L’étrange conception du conflit d’intérêts de Richard Ferrand
L’étrange conception du conflit d’intérêts de Richard Ferrand
Par Alexandre Pouchard, Jérémie Baruch, Yann Bouchez, Maxime Vaudano, Anne Michel
Chargé de mission auprès des Mutuelles de Bretagne alors même qu’il était député du Finistère, Richard Ferrand était-il en situation de conflit d’intérêts ? Le fait que l’ancien parlementaire ait cosigné et défendu à la tribune entre 2012 et 2014 une proposition de loi avantageant sans conteste les mutuelles pourrait le laisser penser.
Le ministre de la cohésion des territoires s’en défend pourtant vigoureusement auprès du Monde :
« J’ai toujours tenu à conserver une activité professionnelle quels qu’aient été mes mandats (…). J’observe que des centaines de députés ou sénateurs conservent également et parfois pleinement leur activité professionnelle, ce qui me parait totalement bénéfique, par opposition à celles et ceux qui ne vivent que de la politique. »
Quid de la proposition de loi sur les mutuelles ? Après avoir rappelé qu’elle ne faisait que concrétiser une préconisation de la Cour des comptes et un engagement électoral de François Hollande, Richard Ferrand fait mine de s’interroger :
« Devais-je m’abstenir de défendre un principe au prétexte que je connais bien le sujet ? Demande-t-on par exemple à Monsieur Christian Jacob de ne pas intervenir sur les sujets agricoles en raison de son ancienne présidence du CNJA [le Cercle national des jeunes agriculteurs, poste qu’a occupé M. Jacob il y a 25 ans] ? Interdit-on aux députés qui sont médecins de voter le budget de la sécurité sociale ? Faut-il expressément empêcher les magistrats et les avocats de siéger à la commission des lois ? Je vous laisse le soin de répondre à ces questions. »

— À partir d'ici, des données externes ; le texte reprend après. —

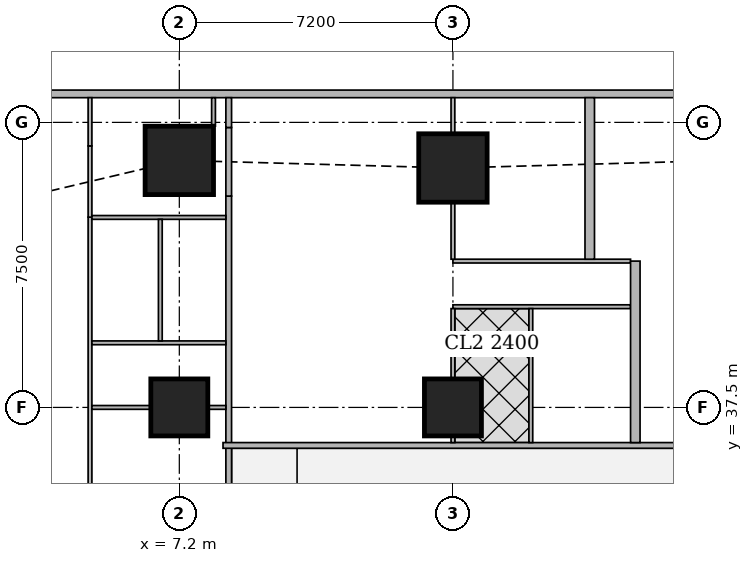
"""IFC4 building model, lengths in metres.
Left out: names, types, materials, properties, quantities, classifications, styles, units other than length and angle.
Written with IfcOpenShell. Run it as: python <this file> out.ifc"""

import sys

from ifc_helpers import new_model, si_unit, direction, frame, frame_2d, origin, origin_2d, place, context, subcontext, project, spatial, rectangle, extrude, element, fill, save


model = new_model("IFC4")
c1 = context("Model", 3, precision=1e-05, world=origin(), true_north=direction((0.0, 1.0)))
c2 = subcontext(c1, "Body", "Model", "MODEL_VIEW")
j1 = project(units=[si_unit("LENGTHUNIT", "METRE"), si_unit("PLANEANGLEUNIT", "RADIAN")], contexts=[c1])
p1 = place(None, origin())
s1 = spatial("IfcSite", under=j1, at=p1, CompositionType="ELEMENT")
p2 = place(p1, origin())
s2 = spatial("IfcBuilding", under=s1, at=p2, CompositionType="ELEMENT")
p3 = place(p2, frame((0.0, 0.0, 158.3)))
s3 = spatial("IfcBuildingStorey", under=s2, at=p3, CompositionType="ELEMENT", Elevation=158.3)
for number, where, z_axis, x_axis in (
    (1, (7.2, 37.5, 0.0), (0.0, 0.0, 1.0), (1.0, 0.0, 0.0)),
    (2, (14.4, 37.5, 0.0), (0.0, 0.0, 1.0), (1.0, 0.0, 0.0)),
):
    element("IfcColumn", number, at=place(p3, frame(where, z_axis=z_axis, x_axis=x_axis)), inside=s3, PredefinedType="COLUMN", context=c2, shape_type="SweptSolid", body=[
        extrude(rectangle(XDim=1.5, YDim=1.5, at=origin_2d()), origin(), (0.0, 0.0, 1.0), 3.75),
    ])
for number, where, z_axis, x_axis in (
    (3, (7.2, 44.0, 0.0), (0.0, 0.0, 1.0), (1.0, 0.0, 0.0)),
    (4, (14.4, 43.8, 0.0), (0.0, 0.0, 1.0), (1.0, 0.0, 0.0)),
):
    element("IfcColumn", number, at=place(p3, frame(where, z_axis=z_axis, x_axis=x_axis)), inside=s3, PredefinedType="COLUMN", context=c2, shape_type="SweptSolid", body=[
        extrude(rectangle(XDim=1.8, YDim=1.8, at=origin_2d()), origin(), (0.0, 0.0, 1.0), 3.75),
    ])
p4 = place(p3, frame((40.106, 45.75, 0.0), z_axis=(0.0, 0.0, 1.0), x_axis=(-1.0, 0.0, 0.0)))
e5 = element("IfcWall", 5, at=p4, inside=s3, PredefinedType="SOLIDWALL", context=c2, shape_type="SweptSolid", body=[
    extrude(rectangle(XDim=37.943, YDim=0.2, at=frame_2d((18.971, 0.0))), origin(), (0.0, 0.0, 1.0), 3.5),
])
p5 = place(p4, frame((8.606, 0.0, 0.9)))
e6 = element("IfcOpeningElement", 6, at=p5, cuts=e5, PredefinedType="OPENING", context=c2, shape_type="SweptSolid", body=[
    extrude(rectangle(XDim=1.8, YDim=1.5, at=frame_2d((0.9, 0.75))), frame((0.0, 0.11, 0.0), z_axis=(0.0, -1.0, 0.0), x_axis=(1.0, 0.0, 0.0)), (0.0, 0.0, 1.0), 0.22),
])
p6 = place(p4, frame((12.206, 0.0, 0.9)))
e7 = element("IfcOpeningElement", 7, at=p6, cuts=e5, PredefinedType="OPENING", context=c2, shape_type="SweptSolid", body=[
    extrude(rectangle(XDim=1.8, YDim=1.5, at=frame_2d((0.9, 0.75))), frame((0.0, 0.11, 0.0), z_axis=(0.0, -1.0, 0.0), x_axis=(1.0, 0.0, 0.0)), (0.0, 0.0, 1.0), 0.22),
])
p7 = place(p4, frame((15.806, 0.0, 0.9)))
e8 = element("IfcOpeningElement", 8, at=p7, cuts=e5, PredefinedType="OPENING", context=c2, shape_type="SweptSolid", body=[
    extrude(rectangle(XDim=1.8, YDim=1.5, at=frame_2d((0.9, 0.75))), frame((0.0, 0.11, 0.0), z_axis=(0.0, -1.0, 0.0), x_axis=(1.0, 0.0, 0.0)), (0.0, 0.0, 1.0), 0.22),
])
p8 = place(p4, frame((19.406, 0.0, 0.9)))
e9 = element("IfcOpeningElement", 9, at=p8, cuts=e5, PredefinedType="OPENING", context=c2, shape_type="SweptSolid", body=[
    extrude(rectangle(XDim=1.8, YDim=1.5, at=frame_2d((0.9, 0.75))), frame((0.0, 0.11, 0.0), z_axis=(0.0, -1.0, 0.0), x_axis=(1.0, 0.0, 0.0)), (0.0, 0.0, 1.0), 0.22),
])
p9 = place(p4, frame((23.006, 0.0, 0.9)))
e10 = element("IfcOpeningElement", 10, at=p9, cuts=e5, PredefinedType="OPENING", context=c2, shape_type="SweptSolid", body=[
    extrude(rectangle(XDim=1.8, YDim=1.5, at=frame_2d((0.9, 0.75))), frame((0.0, 0.11, 0.0), z_axis=(0.0, -1.0, 0.0), x_axis=(1.0, 0.0, 0.0)), (0.0, 0.0, 1.0), 0.22),
])
p10 = place(p4, frame((26.606, 0.0, 0.9)))
e11 = element("IfcOpeningElement", 11, at=p10, cuts=e5, PredefinedType="OPENING", context=c2, shape_type="SweptSolid", body=[
    extrude(rectangle(XDim=1.8, YDim=1.5, at=frame_2d((0.9, 0.75))), frame((0.0, 0.11, 0.0), z_axis=(0.0, -1.0, 0.0), x_axis=(1.0, 0.0, 0.0)), (0.0, 0.0, 1.0), 0.22),
])
p11 = place(p3, frame((8.5, 1.964, 0.0), z_axis=(0.0, 0.0, 1.0), x_axis=(0.0, 1.0, 0.0)))
e12 = element("IfcWall", 12, at=p11, inside=s3, PredefinedType="SOLIDWALL", context=c2, shape_type="SweptSolid", body=[
    extrude(rectangle(XDim=41.097, YDim=0.15, at=frame_2d((20.548, 0.0))), origin(), (0.0, 0.0, 1.0), 3.5),
])
p12 = place(p11, frame((6.911, 0.0, 0.0)))
e13 = element("IfcOpeningElement", 13, at=p12, cuts=e12, PredefinedType="OPENING", context=c2, shape_type="SweptSolid", body=[
    extrude(rectangle(XDim=1.0, YDim=2.1, at=frame_2d((0.5, 1.05))), frame((0.0, 0.085, 0.0), z_axis=(0.0, -1.0, 0.0), x_axis=(1.0, 0.0, 0.0)), (0.0, 0.0, 1.0), 0.17),
])
p13 = place(p11, frame((10.661, 0.0, 0.0)))
e14 = element("IfcOpeningElement", 14, at=p13, cuts=e12, PredefinedType="OPENING", context=c2, shape_type="SweptSolid", body=[
    extrude(rectangle(XDim=1.0, YDim=2.1, at=frame_2d((0.5, 1.05))), frame((0.0, 0.085, 0.0), z_axis=(0.0, -1.0, 0.0), x_axis=(1.0, 0.0, 0.0)), (0.0, 0.0, 1.0), 0.17),
])
p14 = place(p11, frame((25.661, 0.0, 0.0)))
e15 = element("IfcOpeningElement", 15, at=p14, cuts=e12, PredefinedType="OPENING", context=c2, shape_type="SweptSolid", body=[
    extrude(rectangle(XDim=1.0, YDim=2.1, at=frame_2d((0.5, 1.05))), frame((0.0, 0.085, 0.0), z_axis=(0.0, -1.0, 0.0), x_axis=(1.0, 0.0, 0.0)), (0.0, 0.0, 1.0), 0.17),
])
p15 = place(p3, frame((8.5, 43.061, 0.0), z_axis=(0.0, 0.0, 1.0), x_axis=(0.0, 1.0, 0.0)))
e16 = element("IfcWall", 16, at=p15, inside=s3, PredefinedType="SOLIDWALL", context=c2, shape_type="SweptSolid", body=[
    extrude(rectangle(XDim=1.805, YDim=0.15, at=frame_2d((0.902, 0.0))), origin(), (0.0, 0.0, 1.0), 2.1),
])
p16 = place(p3, frame((8.5, 44.866, 0.0), z_axis=(0.0, 0.0, 1.0), x_axis=(0.0, 1.0, 0.0)))
e17 = element("IfcWall", 17, at=p16, inside=s3, PredefinedType="SOLIDWALL", context=c2, shape_type="SweptSolid", body=[
    extrude(rectangle(XDim=0.784, YDim=0.15, at=frame_2d((0.392, 0.0))), origin(), (0.0, 0.0, 1.0), 3.5),
])
p17 = place(p3, frame((8.35, 36.5, 0.0), z_axis=(0.0, 0.0, 1.0), x_axis=(1.0, 0.0, 0.0)))
e18 = element("IfcWall", 18, at=p17, inside=s3, PredefinedType="SOLIDWALL", context=c2, shape_type="SweptSolid", body=[
    extrude(rectangle(XDim=26.415, YDim=0.15, at=frame_2d((13.208, 0.0))), origin(), (0.0, 0.0, 1.0), 3.5),
])
p18 = place(p17, frame((2.6, 0.0, 0.0)))
e19 = element("IfcOpeningElement", 19, at=p18, cuts=e18, PredefinedType="OPENING", context=c2, shape_type="SweptSolid", body=[
    extrude(rectangle(XDim=1.0, YDim=2.1, at=frame_2d((0.5, 1.05))), frame((0.0, 0.085, 0.0), z_axis=(0.0, -1.0, 0.0), x_axis=(1.0, 0.0, 0.0)), (0.0, 0.0, 1.0), 0.17),
])
p19 = place(p17, frame((10.949, 0.0, 0.0)))
e20 = element("IfcOpeningElement", 20, at=p19, cuts=e18, PredefinedType="OPENING", context=c2, shape_type="SweptSolid", body=[
    extrude(rectangle(XDim=1.0, YDim=2.1, at=frame_2d((0.5, 1.05))), frame((0.0, 0.085, 0.0), z_axis=(0.0, -1.0, 0.0), x_axis=(1.0, 0.0, 0.0)), (0.0, 0.0, 1.0), 0.17),
])
p20 = place(p3, frame((8.1, 45.65, 0.0), z_axis=(0.0, 0.0, 1.0), x_axis=(0.0, -1.0, 0.0)))
e21 = element("IfcWall", 21, at=p20, inside=s3, PredefinedType="PARTITIONING", context=c2, shape_type="SweptSolid", body=[
    extrude(rectangle(XDim=0.749, YDim=0.1, at=frame_2d((0.375, 0.0))), origin(), (0.0, 0.0, 1.0), 3.5),
])
p21 = place(p3, frame((4.85, 30.0, 0.0), z_axis=(0.0, 0.0, 1.0), x_axis=(0.0, 1.0, 0.0)))
e22 = element("IfcWall", 22, at=p21, inside=s3, PredefinedType="PARTITIONING", context=c2, shape_type="SweptSolid", body=[
    extrude(rectangle(XDim=12.507, YDim=0.1, at=frame_2d((6.253, 0.0))), origin(), (0.0, 0.0, 1.0), 3.5),
])
p22 = place(p21, frame((0.575, 0.0, 0.0)))
e23 = element("IfcOpeningElement", 23, at=p22, cuts=e22, PredefinedType="OPENING", context=c2, shape_type="SweptSolid", body=[
    extrude(rectangle(XDim=0.9, YDim=2.1, at=frame_2d((0.45, 1.05))), frame((0.0, 0.06, 0.0), z_axis=(0.0, -1.0, 0.0), x_axis=(1.0, 0.0, 0.0)), (0.0, 0.0, 1.0), 0.12),
])
p23 = place(p21, frame((5.799, 0.0, 0.0)))
e24 = element("IfcOpeningElement", 24, at=p23, cuts=e22, PredefinedType="OPENING", context=c2, shape_type="SweptSolid", body=[
    extrude(rectangle(XDim=0.9, YDim=2.1, at=frame_2d((0.45, 1.05))), frame((0.0, 0.06, 0.0), z_axis=(0.0, -1.0, 0.0), x_axis=(1.0, 0.0, 0.0)), (0.0, 0.0, 1.0), 0.12),
])
p24 = place(p21, frame((7.9, 0.0, 0.0)))
e25 = element("IfcOpeningElement", 25, at=p24, cuts=e22, PredefinedType="OPENING", context=c2, shape_type="SweptSolid", body=[
    extrude(rectangle(XDim=0.9, YDim=2.1, at=frame_2d((0.45, 1.05))), frame((0.0, 0.06, 0.0), z_axis=(0.0, -1.0, 0.0), x_axis=(1.0, 0.0, 0.0)), (0.0, 0.0, 1.0), 0.12),
])
p25 = place(p21, frame((3.075, 0.0, 0.0)))
e26 = element("IfcOpeningElement", 26, at=p25, cuts=e22, PredefinedType="OPENING", context=c2, shape_type="SweptSolid", body=[
    extrude(rectangle(XDim=0.9, YDim=2.1, at=frame_2d((0.45, 1.05))), frame((0.0, 0.06, 0.0), z_axis=(0.0, -1.0, 0.0), x_axis=(1.0, 0.0, 0.0)), (0.0, 0.0, 1.0), 0.12),
])
p26 = place(p21, frame((10.4, 0.0, 0.0)))
e27 = element("IfcOpeningElement", 27, at=p26, cuts=e22, PredefinedType="OPENING", context=c2, shape_type="SweptSolid", body=[
    extrude(rectangle(XDim=0.9, YDim=2.1, at=frame_2d((0.45, 1.05))), frame((0.0, 0.06, 0.0), z_axis=(0.0, -1.0, 0.0), x_axis=(1.0, 0.0, 0.0)), (0.0, 0.0, 1.0), 0.12),
])
p27 = place(p3, frame((4.85, 42.507, 0.0), z_axis=(0.0, 0.0, 1.0), x_axis=(0.0, 1.0, 0.0)))
e28 = element("IfcWall", 28, at=p27, inside=s3, PredefinedType="PARTITIONING", context=c2, shape_type="SweptSolid", body=[
    extrude(rectangle(XDim=1.874, YDim=0.1, at=frame_2d((0.937, 0.0))), origin(), (0.0, 0.0, 1.0), 2.1),
])
p28 = place(p3, frame((4.85, 44.381, 0.0), z_axis=(0.0, 0.0, 1.0), x_axis=(0.0, 1.0, 0.0)))
e29 = element("IfcWall", 29, at=p28, inside=s3, PredefinedType="PARTITIONING", context=c2, shape_type="SweptSolid", body=[
    extrude(rectangle(XDim=1.269, YDim=0.1, at=frame_2d((0.634, 0.0))), origin(), (0.0, 0.0, 1.0), 3.5),
])
p29 = place(p28, frame((0.15, 0.0, 0.0)))
e30 = element("IfcOpeningElement", 30, at=p29, cuts=e29, PredefinedType="OPENING", context=c2, shape_type="SweptSolid", body=[
    extrude(rectangle(XDim=0.9, YDim=2.1, at=frame_2d((0.45, 1.05))), frame((0.0, 0.06, 0.0), z_axis=(0.0, -1.0, 0.0), x_axis=(1.0, 0.0, 0.0)), (0.0, 0.0, 1.0), 0.12),
])
p30 = place(p3, frame((4.9, 37.5, 0.0), z_axis=(0.0, 0.0, 1.0), x_axis=(1.0, 0.0, 0.0)))
e31 = element("IfcWall", 31, at=p30, inside=s3, PredefinedType="PARTITIONING", context=c2, shape_type="SweptSolid", body=[
    extrude(rectangle(XDim=1.549, YDim=0.1, at=frame_2d((0.774, 0.0))), origin(), (0.0, 0.0, 1.0), 3.5),
])
p31 = place(p3, frame((7.951, 37.5, 0.0), z_axis=(0.0, 0.0, 1.0), x_axis=(1.0, 0.0, 0.0)))
e32 = element("IfcWall", 32, at=p31, inside=s3, PredefinedType="PARTITIONING", context=c2, shape_type="SweptSolid", body=[
    extrude(rectangle(XDim=0.474, YDim=0.1, at=frame_2d((0.237, 0.0))), origin(), (0.0, 0.0, 1.0), 3.5),
])
for number, where, z_axis, x_axis in (
    (33, (4.9, 42.499, 0.0), (0.0, 0.0, 1.0), (1.0, 0.0, 0.0)),
    (34, (4.9, 39.2, 0.0), (0.0, 0.0, 1.0), (1.0, 0.0, 0.0)),
):
    element("IfcWall", number, at=place(p3, frame(where, z_axis=z_axis, x_axis=x_axis)), inside=s3, PredefinedType="PARTITIONING", context=c2, shape_type="SweptSolid", body=[
        extrude(rectangle(XDim=3.525, YDim=0.1, at=frame_2d((1.763, 0.0))), origin(), (0.0, 0.0, 1.0), 3.5),
    ])
p32 = place(p3, frame((14.4, 41.35, 0.0), z_axis=(0.0, 0.0, 1.0), x_axis=(1.0, 0.0, 0.0)))
e35 = element("IfcWall", 35, at=p32, inside=s3, PredefinedType="PARTITIONING", context=c2, shape_type="SweptSolid", body=[
    extrude(rectangle(XDim=4.674, YDim=0.1, at=frame_2d((2.337, 0.0))), origin(), (0.0, 0.0, 1.0), 3.5),
])
p33 = place(p32, frame((0.2, 0.0, 0.0)))
e36 = element("IfcOpeningElement", 36, at=p33, cuts=e35, PredefinedType="OPENING", context=c2, shape_type="SweptSolid", body=[
    extrude(rectangle(XDim=0.9, YDim=2.1, at=frame_2d((0.45, 1.05))), frame((0.0, 0.06, 0.0), z_axis=(0.0, -1.0, 0.0), x_axis=(1.0, 0.0, 0.0)), (0.0, 0.0, 1.0), 0.12),
])
p34 = place(p3, frame((14.4, 40.15, 0.0), z_axis=(0.0, 0.0, 1.0), x_axis=(1.0, 0.0, 0.0)))
e37 = element("IfcWall", 37, at=p34, inside=s3, PredefinedType="PARTITIONING", context=c2, shape_type="SweptSolid", body=[
    extrude(rectangle(XDim=4.674, YDim=0.1, at=frame_2d((2.337, 0.0))), origin(), (0.0, 0.0, 1.0), 3.5),
])
p35 = place(p34, frame((0.575, 0.0, 0.0)))
e38 = element("IfcOpeningElement", 38, at=p35, cuts=e37, PredefinedType="OPENING", context=c2, shape_type="SweptSolid", body=[
    extrude(rectangle(XDim=0.9, YDim=2.1, at=frame_2d((0.45, 1.05))), frame((0.0, 0.06, 0.0), z_axis=(0.0, -1.0, 0.0), x_axis=(1.0, 0.0, 0.0)), (0.0, 0.0, 1.0), 0.12),
])
p36 = place(p34, frame((2.975, 0.0, 0.0)))
e39 = element("IfcOpeningElement", 39, at=p36, cuts=e37, PredefinedType="OPENING", context=c2, shape_type="SweptSolid", body=[
    extrude(rectangle(XDim=0.9, YDim=2.1, at=frame_2d((0.45, 1.05))), frame((0.0, 0.06, 0.0), z_axis=(0.0, -1.0, 0.0), x_axis=(1.0, 0.0, 0.0)), (0.0, 0.0, 1.0), 0.12),
])
p37 = place(p3, frame((14.4, 41.4, 0.0), z_axis=(0.0, 0.0, 1.0), x_axis=(0.0, 1.0, 0.0)))
e40 = element("IfcWall", 40, at=p37, inside=s3, PredefinedType="PARTITIONING", context=c2, shape_type="SweptSolid", body=[
    extrude(rectangle(XDim=1.499, YDim=0.1, at=frame_2d((0.75, 0.0))), origin(), (0.0, 0.0, 1.0), 3.5),
])
p38 = place(p3, frame((14.4, 44.701, 0.0), z_axis=(0.0, 0.0, 1.0), x_axis=(0.0, 1.0, 0.0)))
e41 = element("IfcWall", 41, at=p38, inside=s3, PredefinedType="PARTITIONING", context=c2, shape_type="SweptSolid", body=[
    extrude(rectangle(XDim=0.949, YDim=0.1, at=frame_2d((0.475, 0.0))), origin(), (0.0, 0.0, 1.0), 3.5),
])
p39 = place(p3, frame((14.4, 36.575, 0.0), z_axis=(0.0, 0.0, 1.0), x_axis=(0.0, 1.0, 0.0)))
e42 = element("IfcWall", 42, at=p39, inside=s3, PredefinedType="PARTITIONING", context=c2, shape_type="SweptSolid", body=[
    extrude(rectangle(XDim=0.174, YDim=0.1, at=frame_2d((0.087, 0.0))), origin(), (0.0, 0.0, 1.0), 3.5),
])
p40 = place(p3, frame((14.4, 38.251, 0.0), z_axis=(0.0, 0.0, 1.0), x_axis=(0.0, 1.0, 0.0)))
e43 = element("IfcWall", 43, at=p40, inside=s3, PredefinedType="PARTITIONING", context=c2, shape_type="SweptSolid", body=[
    extrude(rectangle(XDim=1.849, YDim=0.1, at=frame_2d((0.925, 0.0))), origin(), (0.0, 0.0, 1.0), 3.5),
])
p41 = place(p3, frame((16.45, 36.575, 0.0), z_axis=(0.0, 0.0, 1.0), x_axis=(0.0, 1.0, 0.0)))
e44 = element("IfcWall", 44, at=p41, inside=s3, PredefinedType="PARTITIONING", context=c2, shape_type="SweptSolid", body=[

L’ancien pilier de la campagne d’Emmanuel Macron semble peu à l’aise avec la notion de conflits d’intérêts, formalisée pour la première fois dans la loi sur la transparence de 2013, qu’il a pourtant votée : celle-ci désigne « toute situation d’interférence entre un intérêt public et des intérêts publics ou privés qui est de nature à influencer ou à paraître influencer l’exercice indépendant, impartial et objectif d’une fonction ». « L’interférence peut être matérielle (une activité professionnelle spécialisée dans un certain secteur), géographique (les intérêts détenus dans une commune) ou temporelle (des intérêts passés) », précise la Haute autorité pour la transparence de la vie publique (HATVP) sur son site.
Une définition à laquelle ne semble pas non plus adhérer Benjamin Griveaux, le porte-parole du mouvement En marche !, qui est monté au créneau lundi 29 mai pour défendre Richard Ferrand :
« Grand diable, si l’on veut des élus compétents, qui aient des domaines d’expertise, un passé professionnel et ne soient pas simplement des professionnels de la politique, il est heureux d’avoir des gens qui aient exercé des fonctions et qui vont exprimer des votes sur des sujets qu’ils connaissent sans doute mieux que d’autres. Mais je fais confiance à la liberté de conscience de nos parlementaires. »
Reste à savoir si cette conception pourra s’accorder avec celle du garde des sceaux, François Bayrou, qui avait scellé son alliance avec Emmanuel Macron à la condition expresse qu’une grande loi sur la moralisation rende « impossible » et « sanctionne » tous les conflits d’intérêts, en faisant en sorte que « de très grandes entreprises ne puissent pas se payer ou appointer des responsables politiques pour rédiger des lois ou pour aller dans le sens de ce qu’ils souhaitent ».